Cet homme est une oeuvre : de Voyage au bout de la nuit à
Rigodon en passant par Progrès, L'Eglise et Bagatelles pour un
massacre et Les Beaux Draps , sans oublier les arguments de
ballets, La Légende du roi Krogold et l'énorme
correspondance aux amis, aux amies, aux ennemis, aux
patrons et aux éditeurs de 1916 à 1961. Soit dans une
langue en constante évolution, un discours très cohérent qui
cite le siècle dont il est la mémoire fidèle - pour le meilleur
et pour le pire.
Cet homme est une vie : toutes les vies - parallèles ou
successives - du cuirassier, du médecin, du pharmacien, de
l'écrivain et du militant.
Lorsque Louis Destouches se transforme en Louis-Ferdinand
Céline, il a, à trente-huit ans, traversé une série
d'avatars qui auraient rempli deux ou trois existences
ordinaires à travers trois continents. Il en a intégré ou rêvé bien
plus («des années en Afrique», «quatre ans médecin chez
Ford»).
Chéri de la gauche antifasciste de Barbusse, de
Lévi-Strauss et d'Elie Faure, il préconise quatre ans
plus tard une alliance militaire avec l'Allemagne de Hitler et
révèle un racisme antisémite moins choquant alors qu'il ne
semble aujourd'hui.

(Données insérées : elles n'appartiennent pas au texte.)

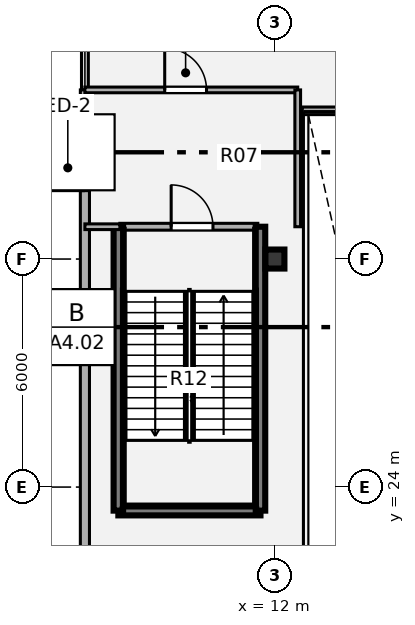
"""IFC4 building model, lengths in metres.
Left out: names, types, materials, properties, quantities, classifications, styles, units other than length and angle.
Written with IfcOpenShell. Run it as: python <this file> out.ifc"""

import sys

from ifc_helpers import new_model, si_unit, direction, frame, frame_2d, origin, origin_2d, place, context, subcontext, project, spatial, rectangle, i_section, extrude, source, transform, mapped, element, fill, save


model = new_model("IFC4")
c1 = context("Model", 3, precision=1e-05, world=origin(), true_north=direction((0.0, 1.0)))
c2 = subcontext(c1, "Body", "Model", "MODEL_VIEW")
j1 = project(units=[si_unit("LENGTHUNIT", "METRE"), si_unit("PLANEANGLEUNIT", "RADIAN")], contexts=[c1])
p1 = place(None, origin())
s1 = spatial("IfcSite", under=j1, at=p1, CompositionType="ELEMENT")
p2 = place(p1, origin())
s2 = spatial("IfcBuilding", under=s1, at=p2, CompositionType="ELEMENT")
p3 = place(p2, origin())
s3 = spatial("IfcBuildingStorey", under=s2, at=p3, CompositionType="ELEMENT", Elevation=0.0)
m1 = source(origin(), c2, "Body", "SweptSolid", [
    extrude(i_section(OverallWidth=0.5, OverallDepth=0.5, WebThickness=0.028, FlangeThickness=0.045, at=origin_2d()), origin(), (0.0, 0.0, 1.0), 5.4),
])
p4 = place(p3, frame((12.0, 30.0, 0.0), z_axis=(0.0, 0.0, 1.0), x_axis=(1.0, 0.0, 0.0)))
e1 = element("IfcColumn", 1, at=p4, inside=s3, PredefinedType="COLUMN", context=c2, shape_type="MappedRepresentation", body=[
    mapped(m1, transform((0.0, 0.0, 0.0), x_axis=(1.0, 0.0, 0.0), y_axis=(0.0, 1.0, 0.0), z_axis=(0.0, 0.0, 1.0), scale=1.0)),
])
p5 = place(p3, frame((7.0, 5.6, 0.0), z_axis=(0.0, 0.0, 1.0), x_axis=(0.0, 1.0, 0.0)))
e2 = element("IfcWall", 2, at=p5, inside=s3, PredefinedType="SOLIDWALL", context=c2, shape_type="SweptSolid", body=[
    extrude(rectangle(XDim=28.85, YDim=0.24, at=frame_2d((14.425, 0.0))), origin(), (0.0, 0.0, 1.0), 5.12),
])
p6 = place(p5, frame((26.2, 0.0, 0.0)))
e3 = element("IfcOpeningElement", 3, at=p6, cuts=e2, PredefinedType="OPENING", context=c2, shape_type="SweptSolid", body=[
    extrude(rectangle(XDim=1.2, YDim=2.2, at=origin_2d()), frame((0.6, 0.13, 1.1), z_axis=(0.0, -1.0, 0.0), x_axis=(1.0, 0.0, 0.0)), (0.0, 0.0, 1.0), 0.26),
])
p7 = place(p5, frame((4.0, 0.0, 1.1)))
e4 = element("IfcOpeningElement", 4, at=p7, cuts=e2, PredefinedType="OPENING", context=c2, shape_type="SweptSolid", body=[
    extrude(rectangle(XDim=1.8, YDim=1.5, at=origin_2d()), frame((0.9, 0.13, 0.75), z_axis=(0.0, -1.0, 0.0), x_axis=(1.0, 0.0, 0.0)), (0.0, 0.0, 1.0), 0.26),
])
p8 = place(p3, frame((12.72, 33.9, 0.0), z_axis=(0.0, 0.0, 1.0), x_axis=(1.0, 0.0, 0.0)))
e5 = element("IfcWall", 5, at=p8, inside=s3, PredefinedType="PARAPET", context=c2, shape_type="SweptSolid", body=[
    extrude(rectangle(XDim=5.12, YDim=0.2, at=frame_2d((2.56, 0.0))), origin(), (0.0, 0.0, 1.0), 1.22),
])
p9 = place(p3, frame((7.92, 30.85, 0.0), z_axis=(0.0, 0.0, 1.0), x_axis=(1.0, 0.0, 0.0)))
e6 = element("IfcWall", 6, at=p9, inside=s3, PredefinedType="PARTITIONING", context=c2, shape_type="SweptSolid", body=[
    extrude(rectangle(XDim=3.63, YDim=0.18, at=frame_2d((1.815, 0.0))), origin(), (0.0, 0.0, 1.0), 5.12),
])
p10 = place(p9, frame((1.35, 0.0, 0.0)))
e7 = element("IfcOpeningElement", 7, at=p10, cuts=e6, PredefinedType="OPENING", context=c2, shape_type="SweptSolid", body=[
    extrude(rectangle(XDim=1.1, YDim=2.1, at=origin_2d()), frame((0.55, 0.1, 1.05), z_axis=(0.0, -1.0, 0.0), x_axis=(1.0, 0.0, 0.0)), (0.0, 0.0, 1.0), 0.2),
])
p11 = place(p3, frame((7.88, 23.38, 0.0), z_axis=(0.0, 0.0, 1.0), x_axis=(1.0, 0.0, 0.0)))
e8 = element("IfcWall", 8, at=p11, inside=s3, PredefinedType="SHEAR", context=c2, shape_type="SweptSolid", body=[
    extrude(rectangle(XDim=3.74, YDim=0.25, at=frame_2d((1.87, 0.0))), origin(), (0.0, 0.0, 1.0), 5.4),
])
for number, where, z_axis, x_axis in (
    (9, (7.88, 23.38, 0.0), (0.0, 0.0, 1.0), (0.0, 1.0, 0.0)),
    (10, (11.62, 23.38, 0.0), (0.0, 0.0, 1.0), (0.0, 1.0, 0.0)),
):
    element("IfcWall", number, at=place(p3, frame(where, z_axis=z_axis, x_axis=x_axis)), inside=s3, PredefinedType="SHEAR", context=c2, shape_type="SweptSolid", body=[
        extrude(rectangle(XDim=7.47, YDim=0.25, at=frame_2d((3.735, 0.0))), origin(), (0.0, 0.0, 1.0), 5.4),
    ])
p12 = place(p3, frame((7.0, 30.85, 0.0), z_axis=(0.0, 0.0, 1.0), x_axis=(1.0, 0.0, 0.0)))
e11 = element("IfcWall", 11, at=p12, inside=s3, PredefinedType="PARTITIONING", context=c2, shape_type="SweptSolid", body=[
    extrude(rectangle(XDim=0.92, YDim=0.15, at=frame_2d((0.46, 0.0))), origin(), (0.0, 0.0, 1.0), 5.09),
])
p13 = place(p3, frame((7.0, 34.45, 0.0), z_axis=(0.0, 0.0, 1.0), x_axis=(1.0, 0.0, 0.0)))
e12 = element("IfcWall", 12, at=p13, inside=s3, PredefinedType="PARTITIONING", context=c2, shape_type="SweptSolid", body=[
    extrude(rectangle(XDim=5.6, YDim=0.15, at=frame_2d((2.8, 0.0))), origin(), (0.0, 0.0, 1.0), 5.09),
])
p14 = place(p13, frame((2.1, 0.0, 0.0)))
e13 = element("IfcOpeningElement", 13, at=p14, cuts=e12, PredefinedType="OPENING", context=c2, shape_type="SweptSolid", body=[
    extrude(rectangle(XDim=1.1, YDim=2.1, at=origin_2d()), frame((0.55, 0.085, 1.05), z_axis=(0.0, -1.0, 0.0), x_axis=(1.0, 0.0, 0.0)), (0.0, 0.0, 1.0), 0.17),
])
p15 = place(p3, frame((12.6, 30.85, 0.0), z_axis=(0.0, 0.0, 1.0), x_axis=(0.0, 1.0, 0.0)))
e14 = element("IfcWall", 14, at=p15, inside=s3, PredefinedType="PARTITIONING", context=c2, shape_type="SweptSolid", body=[
    extrude(rectangle(XDim=3.6, YDim=0.15, at=frame_2d((1.8, 0.0))), origin(), (0.0, 0.0, 1.0), 5.09),
])
m2 = source(origin(), c2, "Body", "SweptSolid", [
    extrude(rectangle(XDim=1.2, YDim=2.2, at=origin_2d()), frame((0.6, 0.025, 1.1), z_axis=(0.0, -1.0, 0.0), x_axis=(1.0, 0.0, 0.0)), (0.0, 0.0, 1.0), 0.05),
])
p16 = place(p6, origin())
e15 = element("IfcDoor", 15, at=p16, inside=s3, OperationType="SINGLE_SWING_LEFT", PredefinedType="DOOR", context=c2, shape_type="MappedRepresentation", body=[
    mapped(m2, transform((0.0, 0.0, 0.0), x_axis=(1.0, 0.0, 0.0), y_axis=(0.0, 1.0, 0.0), z_axis=(0.0, 0.0, 1.0), scale=1.0)),
])
fill(e3, e15)
m3 = source(origin(), c2, "Body", "SweptSolid", [
    extrude(rectangle(XDim=1.1, YDim=2.1, at=origin_2d()), frame((0.55, 0.025, 1.05), z_axis=(0.0, -1.0, 0.0), x_axis=(1.0, 0.0, 0.0)), (0.0, 0.0, 1.0), 0.05),
])
p17 = place(p10, origin())
e16 = element("IfcDoor", 16, at=p17, inside=s3, OperationType="SINGLE_SWING_LEFT", PredefinedType="DOOR", context=c2, shape_type="MappedRepresentation", body=[
    mapped(m3, transform((0.0, 0.0, 0.0), x_axis=(1.0, 0.0, 0.0), y_axis=(0.0, 1.0, 0.0), z_axis=(0.0, 0.0, 1.0), scale=1.0)),
])
fill(e7, e16)
p18 = place(p14, origin())
e17 = element("IfcDoor", 17, at=p18, inside=s3, OperationType="SINGLE_SWING_LEFT", PredefinedType="DOOR", context=c2, shape_type="MappedRepresentation", body=[
    mapped(m3, transform((0.0, 0.0, 0.0), x_axis=(1.0, 0.0, 0.0), y_axis=(0.0, 1.0, 0.0), z_axis=(0.0, 0.0, 1.0), scale=1.0)),
])
fill(e13, e17)
save(model, sys.argv[1])

Délires passagers nés de la conjoncture
guerrière ou vision du monde incarnée dans celui qui se veut
Celto-Germain comme Gobineau se voyait Viking ?
Pour se retrouver dans ce foisonnement souvent contradictoire,
rien de tel qu'un dictionnaire aux multiples
entrées qui fasse fi des légendes et des tabous en intégrant les
témoignages de tous bords.
Ce Dictionnaire Céline est le premier ouvrage de référence
sur le sujet. Il le restera sans doute pour longtemps. Il se
doit de figurer dans la bibliothèque de tous les céliniens et
anti-céliniens.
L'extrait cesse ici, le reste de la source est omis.